В эпоху французской революции буржуазия уже заняла ключевые посты в экономике и администрации – еще прежде, чем захватила политическую власть: это придает пафосу буржуазного освободительного движения элемент декоративности, фиктивности, элемент, от которого не был свободен и Бетховен, – он, провозгласивший себя "умовладельцем" перед лицом "землевладельцев". Что ему, буржуа до мозга костей, оказывали протекцию аристократы, это вполне соответствует социальному характеру его сочинений, как и сцена, известная из биографии Гете, когда Бетховен оскорбил придворное общество. Рассказы о личности Бетховена не оставляют сомнения в том, что в глубине души он был похож на санкюлота, по-фихтевски гордый, резкий, решительный, чуждый всяких условностей: все эти черты обнаруживаются и в его позе плебея. Он страдает и протестует. Он чувствует, что его разрывает одиночество. На одиночество осужден свободный, эмансипированный индивид в обществе, сохранившем нравы века абсолютизма, а вместе с нравами сохранившем и стиль, с которым сопоставляет себя субъективность, когда она полагает самое себя. Индивид и эстетически, и социально – только частный, составной момент – момент, бесспорно переоцененный под воздействием "духовно-исторического" представления о личности. Если для изменения противостоящего художнику мира объективных данностей требуется избыток субъективности, которая не дает разложить себя без остатка на эти объекты, то, с другой стороны, художник в несравненно большей степени, чем это допускают буржуазные предрассудки, – исполнитель конкретных задач, встающих перед ним. Но в этих задачах таится все общество в целом; благодаря этим задачам общество становится движущей силой даже автономных эстетических процессов.
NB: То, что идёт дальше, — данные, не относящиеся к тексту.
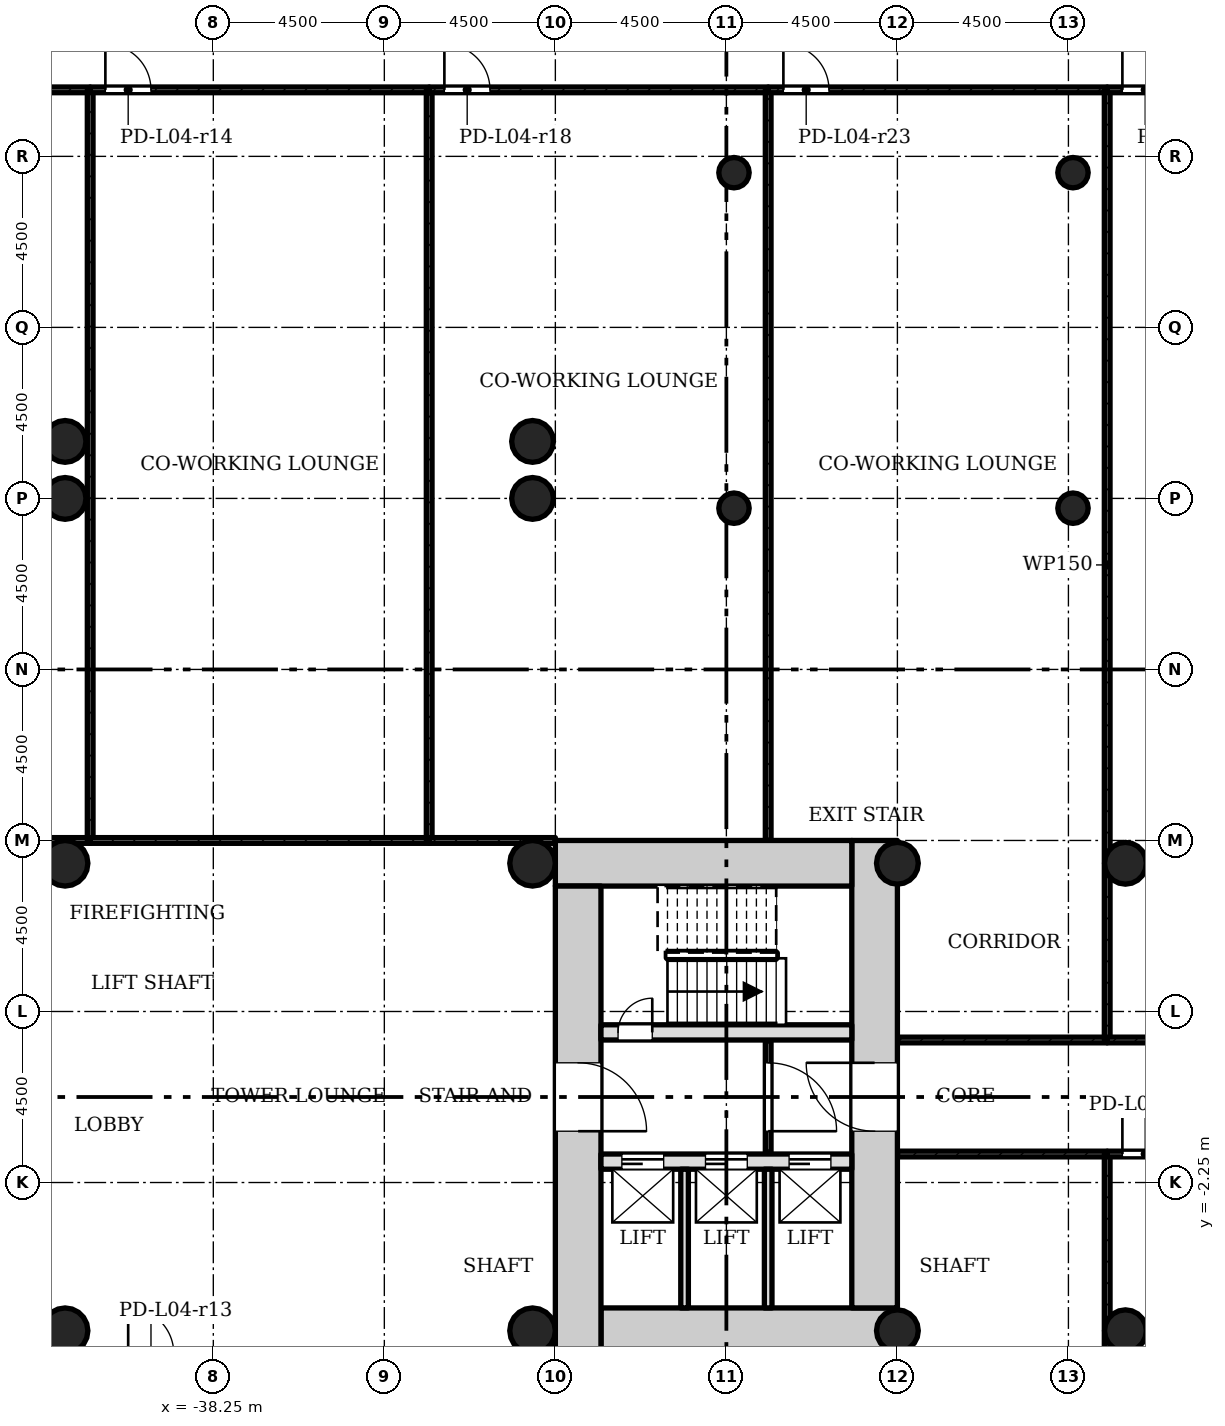
"""IFC4 building model, lengths in metres.
Left out: names, types, materials, properties, quantities, classifications, styles, units other than length and angle.
Written with IfcOpenShell. Run it as: python <this file> out.ifc"""

import sys

from ifc_helpers import new_model, si_unit, direction, frame, frame_2d, origin, origin_2d, place, context, subcontext, project, spatial, rectangle, hollow_circle, extrude, element, fill, save


model = new_model("IFC4")
c1 = context("Model", 3, precision=1e-05, world=origin(), true_north=direction((0.0, 1.0)))
c2 = subcontext(c1, "Body", "Model", "MODEL_VIEW")
j1 = project(units=[si_unit("LENGTHUNIT", "METRE"), si_unit("PLANEANGLEUNIT", "RADIAN")], contexts=[c1])
p1 = place(None, origin())
s1 = spatial("IfcSite", under=j1, at=p1, CompositionType="ELEMENT")
p2 = place(p1, origin())
s2 = spatial("IfcBuilding", under=s1, at=p2, CompositionType="ELEMENT")
p3 = place(p2, frame((0.0, 0.0, 20.0)))
s3 = spatial("IfcBuildingStorey", under=s2, at=p3, CompositionType="ELEMENT", Elevation=20.0)
p4 = place(p3, frame((-28.05, -6.15, 0.0), z_axis=(0.0, 0.0, 1.0), x_axis=(1.0, 0.0, 0.0)))
e1 = element("IfcWall", 1, at=p4, inside=s3, PredefinedType="SHEAR", context=c2, shape_type="SweptSolid", body=[
    extrude(rectangle(XDim=7.8, YDim=1.2, at=frame_2d((3.9, 0.0))), origin(), (0.0, 0.0, 1.0), 4.5),
])
p5 = place(p3, frame((-20.85, -5.55, 0.0), z_axis=(0.0, 0.0, 1.0), x_axis=(0.0, 1.0, 0.0)))
e2 = element("IfcWall", 2, at=p5, inside=s3, PredefinedType="SHEAR", context=c2, shape_type="SweptSolid", body=[
    extrude(rectangle(XDim=12.3, YDim=1.2, at=frame_2d((6.15, 0.0))), origin(), (0.0, 0.0, 1.0), 4.5),
])
p6 = place(p5, frame((4.65, 0.0, 0.0)))
e3 = element("IfcOpeningElement", 3, at=p6, cuts=e2, PredefinedType="OPENING", context=c2, shape_type="SweptSolid", body=[
    extrude(rectangle(XDim=1.8, YDim=2.1, at=frame_2d((0.9, 1.05))), frame((0.0, 0.61, 0.0), z_axis=(0.0, -1.0, 0.0), x_axis=(1.0, 0.0, 0.0)), (0.0, 0.0, 1.0), 1.22),
])
p7 = place(p3, frame((-21.45, 6.15, 0.0), z_axis=(0.0, 0.0, 1.0), x_axis=(-1.0, 0.0, 0.0)))
e4 = element("IfcWall", 4, at=p7, inside=s3, PredefinedType="SHEAR", context=c2, shape_type="SweptSolid", body=[
    extrude(rectangle(XDim=7.8, YDim=1.2, at=frame_2d((3.9, 0.0))), origin(), (0.0, 0.0, 1.0), 4.5),
])
p8 = place(p3, frame((-28.65, 5.55, 0.0), z_axis=(0.0, 0.0, 1.0), x_axis=(0.0, -1.0, 0.0)))
e5 = element("IfcWall", 5, at=p8, inside=s3, PredefinedType="SHEAR", context=c2, shape_type="SweptSolid", body=[
    extrude(rectangle(XDim=12.3, YDim=1.2, at=frame_2d((6.15, 0.0))), origin(), (0.0, 0.0, 1.0), 4.5),
])
p9 = place(p8, frame((4.65, 0.0, 0.0)))
e6 = element("IfcOpeningElement", 6, at=p9, cuts=e5, PredefinedType="OPENING", context=c2, shape_type="SweptSolid", body=[
    extrude(rectangle(XDim=1.8, YDim=2.1, at=frame_2d((0.9, 1.05))), frame((0.0, 0.61, 0.0), z_axis=(0.0, -1.0, 0.0), x_axis=(1.0, 0.0, 0.0)), (0.0, 0.0, 1.0), 1.22),
])
p10 = place(p3, frame((-28.05, -1.7, 0.0), z_axis=(0.0, 0.0, 1.0), x_axis=(1.0, 0.0, 0.0)))
e7 = element("IfcWall", 7, at=p10, inside=s3, PredefinedType="SHEAR", context=c2, shape_type="SweptSolid", body=[
    extrude(rectangle(XDim=6.6, YDim=0.4, at=frame_2d((3.3, 0.0))), origin(), (0.0, 0.0, 1.0), 4.5),
])
p11 = place(p10, frame((0.55, 0.0, 0.0)))
e8 = element("IfcOpeningElement", 8, at=p11, cuts=e7, PredefinedType="OPENING", context=c2, shape_type="SweptSolid", body=[
    extrude(rectangle(XDim=1.1, YDim=2.1, at=frame_2d((0.55, 1.05))), frame((0.0, 0.21, 0.0), z_axis=(0.0, -1.0, 0.0), x_axis=(1.0, 0.0, 0.0)), (0.0, 0.0, 1.0), 0.42),
])
p12 = place(p10, frame((2.75, 0.0, 0.0)))
e9 = element("IfcOpeningElement", 9, at=p12, cuts=e7, PredefinedType="OPENING", context=c2, shape_type="SweptSolid", body=[
    extrude(rectangle(XDim=1.1, YDim=2.1, at=frame_2d((0.55, 1.05))), frame((0.0, 0.21, 0.0), z_axis=(0.0, -1.0, 0.0), x_axis=(1.0, 0.0, 0.0)), (0.0, 0.0, 1.0), 0.42),
])
p13 = place(p10, frame((4.95, 0.0, 0.0)))
e10 = element("IfcOpeningElement", 10, at=p13, cuts=e7, PredefinedType="OPENING", context=c2, shape_type="SweptSolid", body=[
    extrude(rectangle(XDim=1.1, YDim=2.1, at=frame_2d((0.55, 1.05))), frame((0.0, 0.21, 0.0), z_axis=(0.0, -1.0, 0.0), x_axis=(1.0, 0.0, 0.0)), (0.0, 0.0, 1.0), 0.42),
])
p14 = place(p3, frame((-28.05, 1.7, 0.0), z_axis=(0.0, 0.0, 1.0), x_axis=(1.0, 0.0, 0.0)))
e11 = element("IfcWall", 11, at=p14, inside=s3, PredefinedType="SHEAR", context=c2, shape_type="SweptSolid", body=[
    extrude(rectangle(XDim=6.6, YDim=0.4, at=frame_2d((3.3, 0.0))), origin(), (0.0, 0.0, 1.0), 4.5),
])
p15 = place(p14, frame((0.45, 0.0, 0.0)))
e12 = element("IfcOpeningElement", 12, at=p15, cuts=e11, PredefinedType="OPENING", context=c2, shape_type="SweptSolid", body=[
    extrude(rectangle(XDim=0.9, YDim=2.1, at=frame_2d((0.45, 1.05))), frame((0.0, 0.21, 0.0), z_axis=(0.0, -1.0, 0.0), x_axis=(1.0, 0.0, 0.0)), (0.0, 0.0, 1.0), 0.42),
])
for number, where, z_axis, x_axis in (
    (13, (-20.25, -6.15, 0.0), (0.0, 0.0, 1.0), (1.0, 0.0, 0.0)),
    (14, (-20.25, 6.15, 0.0), (0.0, 0.0, 1.0), (1.0, 0.0, 0.0)),
    (15, (-14.25, -6.15, 0.0), (0.0, 0.0, 1.0), (1.0, 0.0, 0.0)),
    (16, (-14.25, 6.15, 0.0), (0.0, 0.0, 1.0), (1.0, 0.0, 0.0)),
    (17, (-29.85, 15.75, 0.0), (0.0, 0.0, 1.0), (1.0, 0.0, 0.0)),
    (18, (-42.15, 15.75, 0.0), (0.0, 0.0, 1.0), (1.0, 0.0, 0.0)),
    (19, (-29.85, 17.25, 0.0), (0.0, 0.0, 1.0), (1.0, 0.0, 0.0)),
    (20, (-42.15, 17.25, 0.0), (0.0, 0.0, 1.0), (1.0, 0.0, 0.0)),
):
    element("IfcColumn", number, at=place(p3, frame(where, z_axis=z_axis, x_axis=x_axis)), inside=s3, PredefinedType="COLUMN", context=c2, shape_type="SweptSolid", body=[
        extrude(hollow_circle(Radius=0.55, WallThickness=0.04, at=origin_2d()), origin(), (0.0, 0.0, 1.0), 4.5),
    ])
for number, where, z_axis, x_axis in (
    (21, (-42.15, -6.15, 0.0), (0.0, 0.0, 1.0), (1.0, 0.0, 0.0)),
    (22, (-29.85, -6.15, 0.0), (0.0, 0.0, 1.0), (1.0, 0.0, 0.0)),
    (23, (-29.85, 6.15, 0.0), (0.0, 0.0, 1.0), (1.0, 0.0, 0.0)),
    (24, (-42.15, 6.15, 0.0), (0.0, 0.0, 1.0), (1.0, 0.0, 0.0)),
):
    element("IfcColumn", number, at=place(p3, frame(where, z_axis=z_axis, x_axis=x_axis)), inside=s3, PredefinedType="COLUMN", context=c2, shape_type="SweptSolid", body=[
        extrude(hollow_circle(Radius=0.6, WallThickness=0.045, at=origin_2d()), origin(), (0.0, 0.0, 1.0), 4.5),
    ])
for number, where, z_axis, x_axis in (
    (25, (-24.55, 15.493, 0.0), (0.0, 0.0, 1.0), (1.0, 0.0, 0.0)),
    (26, (-15.63, 15.493, 0.0), (0.0, 0.0, 1.0), (1.0, 0.0, 0.0)),
    (27, (-24.55, 24.321, 0.0), (0.0, 0.0, 1.0), (1.0, 0.0, 0.0)),
    (28, (-15.63, 24.321, 0.0), (0.0, 0.0, 1.0), (1.0, 0.0, 0.0)),
):
    element("IfcColumn", number, at=place(p3, frame(where, z_axis=z_axis, x_axis=x_axis)), inside=s3, PredefinedType="COLUMN", context=c2, shape_type="SweptSolid", body=[
        extrude(hollow_circle(Radius=0.4, WallThickness=0.028, at=origin_2d()), origin(), (0.0, 0.0, 1.0), 4.08),
    ])
p16 = place(p3, frame((-23.65, -1.5, 0.0), z_axis=(0.0, 0.0, 1.0), x_axis=(0.0, 1.0, 0.0)))
e29 = element("IfcWall", 29, at=p16, inside=s3, PredefinedType="PARTITIONING", context=c2, shape_type="SweptSolid", body=[
    extrude(rectangle(XDim=3.0, YDim=0.15, at=frame_2d((1.5, 0.0))), origin(), (0.0, 0.0, 1.0), 4.075),
])
p17 = place(p16, frame((0.6, 0.0, 0.0)))
e30 = element("IfcOpeningElement", 30, at=p17, cuts=e29, PredefinedType="OPENING", context=c2, shape_type="SweptSolid", body=[
    extrude(rectangle(XDim=1.8, YDim=2.1, at=frame_2d((0.9, 1.05))), frame((0.0, 0.085, 0.0), z_axis=(0.0, -1.0, 0.0), x_axis=(1.0, 0.0, 0.0)), (0.0, 0.0, 1.0), 0.17),
])
for number, where, z_axis, x_axis in (
    (31, (-25.85, -5.55, 0.0), (0.0, 0.0, 1.0), (0.0, 1.0, 0.0)),
    (32, (-23.65, -5.55, 0.0), (0.0, 0.0, 1.0), (0.0, 1.0, 0.0)),
):
    element("IfcWall", number, at=place(p3, frame(where, z_axis=z_axis, x_axis=x_axis)), inside=s3, PredefinedType="SOLIDWALL", context=c2, shape_type="SweptSolid", body=[
        extrude(rectangle(XDim=3.65, YDim=0.2, at=frame_2d((1.825, 0.0))), origin(), (0.0, 0.0, 1.0), 4.075),
    ])
p18 = place(p3, frame((-50.41, 26.5, 0.0), z_axis=(0.0, 0.0, 1.0), x_axis=(1.0, 0.0, 0.0)))
e33 = element("IfcWall", 33, at=p18, inside=s3, PredefinedType="PARTITIONING", context=c2, shape_type="SweptSolid", body=[
    extrude(rectangle(XDim=8.92, YDim=0.15, at=frame_2d((4.46, 0.0))), origin(), (0.0, 0.0, 1.0), 4.075),
])
p19 = place(p18, frame((0.4, 0.0, 0.0)))
e34 = element("IfcOpeningElement", 34, at=p19, cuts=e33, PredefinedType="OPENING", context=c2, shape_type="SweptSolid", body=[
    extrude(rectangle(XDim=1.2, YDim=2.1, at=frame_2d((0.6, 1.05))), frame((0.0, 0.085, 0.0), z_axis=(0.0, -1.0, 0.0), x_axis=(1.0, 0.0, 0.0)), (0.0, 0.0, 1.0), 0.17),
])
p20 = place(p3, frame((-41.49, 6.75, 0.0), z_axis=(0.0, 0.0, 1.0), x_axis=(-1.0, 0.0, 0.0)))
e35 = element("IfcWall", 35, at=p20, inside=s3, PredefinedType="PARTITIONING", context=c2, shape_type="SweptSolid", body=[
    extrude(rectangle(XDim=1.26, YDim=0.15, at=frame_2d((0.63, 0.0))), origin(), (0.0, 0.0, 1.0), 4.075),
])
p21 = place(p3, frame((-41.49, 26.5, 0.0), z_axis=(0.0, 0.0, 1.0), x_axis=(0.0, -1.0, 0.0)))
e36 = element("IfcWall", 36, at=p21, inside=s3, PredefinedType="PARTITIONING", context=c2, shape_type="SweptSolid", body=[
    extrude(rectangle(XDim=19.75, YDim=0.15, at=frame_2d((9.875, 0.0))), origin(), (0.0, 0.0, 1.0), 4.075),
])
p22 = place(p3, frame((-41.49, 26.5, 0.0), z_axis=(0.0, 0.0, 1.0), x_axis=(1.0, 0.0, 0.0)))
e37 = element("IfcWall", 37, at=p22, inside=s3, PredefinedType="PARTITIONING", context=c2, shape_type="SweptSolid", body=[
    extrude(rectangle(XDim=8.92, YDim=0.15, at=frame_2d((4.46, 0.0))), origin(), (0.0, 0.0, 1.0), 4.075),
])
p23 = place(p22, frame((0.4, 0.0, 0.0)))
e38 = element("IfcOpeningElement", 38, at=p23, cuts=e37, PredefinedType="OPENING", context=c2, shape_type="SweptSolid", body=[
    extrude(rectangle(XDim=1.2, YDim=2.1, at=frame_2d((0.6, 1.05))), frame((0.0, 0.085, 0.0), z_axis=(0.0, -1.0, 0.0), x_axis=(1.0, 0.0, 0.0)), (0.0, 0.0, 1.0), 0.17),
])
p24 = place(p3, frame((-32.57, 6.75, 0.0), z_axis=(0.0, 0.0, 1.0), x_axis=(-1.0, 0.0, 0.0)))
e39 = element("IfcWall", 39, at=p24, inside=s3, PredefinedType="PARTITIONING", context=c2, shape_type="SweptSolid", body=[
    extrude(rectangle(XDim=8.92, YDim=0.15, at=frame_2d((4.46, 0.0))), origin(), (0.0, 0.0, 1.0), 4.075),
])
p25 = place(p3, frame((-32.57, 26.5, 0.0), z_axis=(0.0, 0.0, 1.0), x_axis=(0.0, -1.0, 0.0)))
e40 = element("IfcWall", 40, at=p25, inside=s3, PredefinedType="PARTITIONING", context=c2, shape_type="SweptSolid", body=[
    extrude(rectangle(XDim=19.75, YDim=0.15, at=frame_2d((9.875, 0.0))), origin(), (0.0, 0.0, 1.0), 4.075),
])
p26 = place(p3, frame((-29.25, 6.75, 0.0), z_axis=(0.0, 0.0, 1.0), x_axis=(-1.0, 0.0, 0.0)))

В эпоху "наук о духе" возвеличивали "творящее начало" (этот богословский термин не приложим, строго говоря, ни к какому конкретному произведению искусства); в реальном опыте художника это "творящее начало" конкретизируется как противоположность той свободе, которая связана с понятием акта "творения".
В искусстве совершается попытка разрешения проблемы. Противоречия, которые предстают как сопротивляемость всегда исторически конкретного материала, должны в своем развитии доводиться до примирения. Поскольку задачи объективны, – даже те, которые художник сам ставит перед собой, – художники перестают быть частными индивидами и становятся всеобщим социальным субъектом или его субституентом. Уже Гегель знал, что художники способны тем на большее, чем лучше им удается преодолеть самих себя. То, что известно под названием "облигатного стиля", что наметилось уже в XVII в., телеологически уже содержит в себе требование композиции всецело структурной, по аналогии с философией, – композиции-как системы. Ее идеал – музыка как дедуктивное единство; все бессвязное, все нейтральное, что выпадает из этого единства, уже есть внутренний разлом, трещина внутри вещи, – таков эстетический аспект основного тезиса музыкальной социологии Вебера – о прогрессирующей рационализации. Такому идеалу единства был объективно привержен Бетховен, независимо от того, знал ли он о нем или нет. Он достигает тотального единства облигатного стиля, насыщая его динамикой развития. Отдельные элементы уже не ставятся в ряд в дискретной последовательности, но переходят в рациональное единство благодаря беспрерывному процессу, обусловленному ими же самими.
Эта концепция уже была как бы готова, была преднамечена тем состоянием проблемы, которое предоставила в распоряжение Бетховена сонатная форма Гайдна и Моцарта, где многообразие уравновешивалось, преобразовывалось в единство, но все же еще расходилось с ним, так как форма все еще как бы сверху накладывалась на такое многообразие. То гениальное и неповторимое, что совершил Бетховен, заключалось, может быть, в этом устремленном в глубь вещей взгляде, который позволил ему прочесть в самом передовом творчестве его времени, в образцовых произведениях двух других венских классиков заданный ими вопрос, вопрос, в котором совершенство их музыки трансцендировало самого себя и стремилось уже к иному. Так же Бетховен отнесся и к репризе crux
[138]динамической формы, к заклятию момента статического, всегда равного себе в рамках всецело становящегося, и только становящегося. Сохранив репризу, Бетховен понял ее как проблему. Вот его цель – спасти объективный канон формы, свергнутый со своего престола, подобно тому как Кант спасал категории; Бетховен заново выводит канон – уже на основе раскрепощенной субъективности. Так реприза оказывается следствием динамического течения и оправданием его post factum – как его же результата. Благодаря этому оправданию Бетховен сохранил традицию того, что затем неудержимо рвалось за рамки его творчества.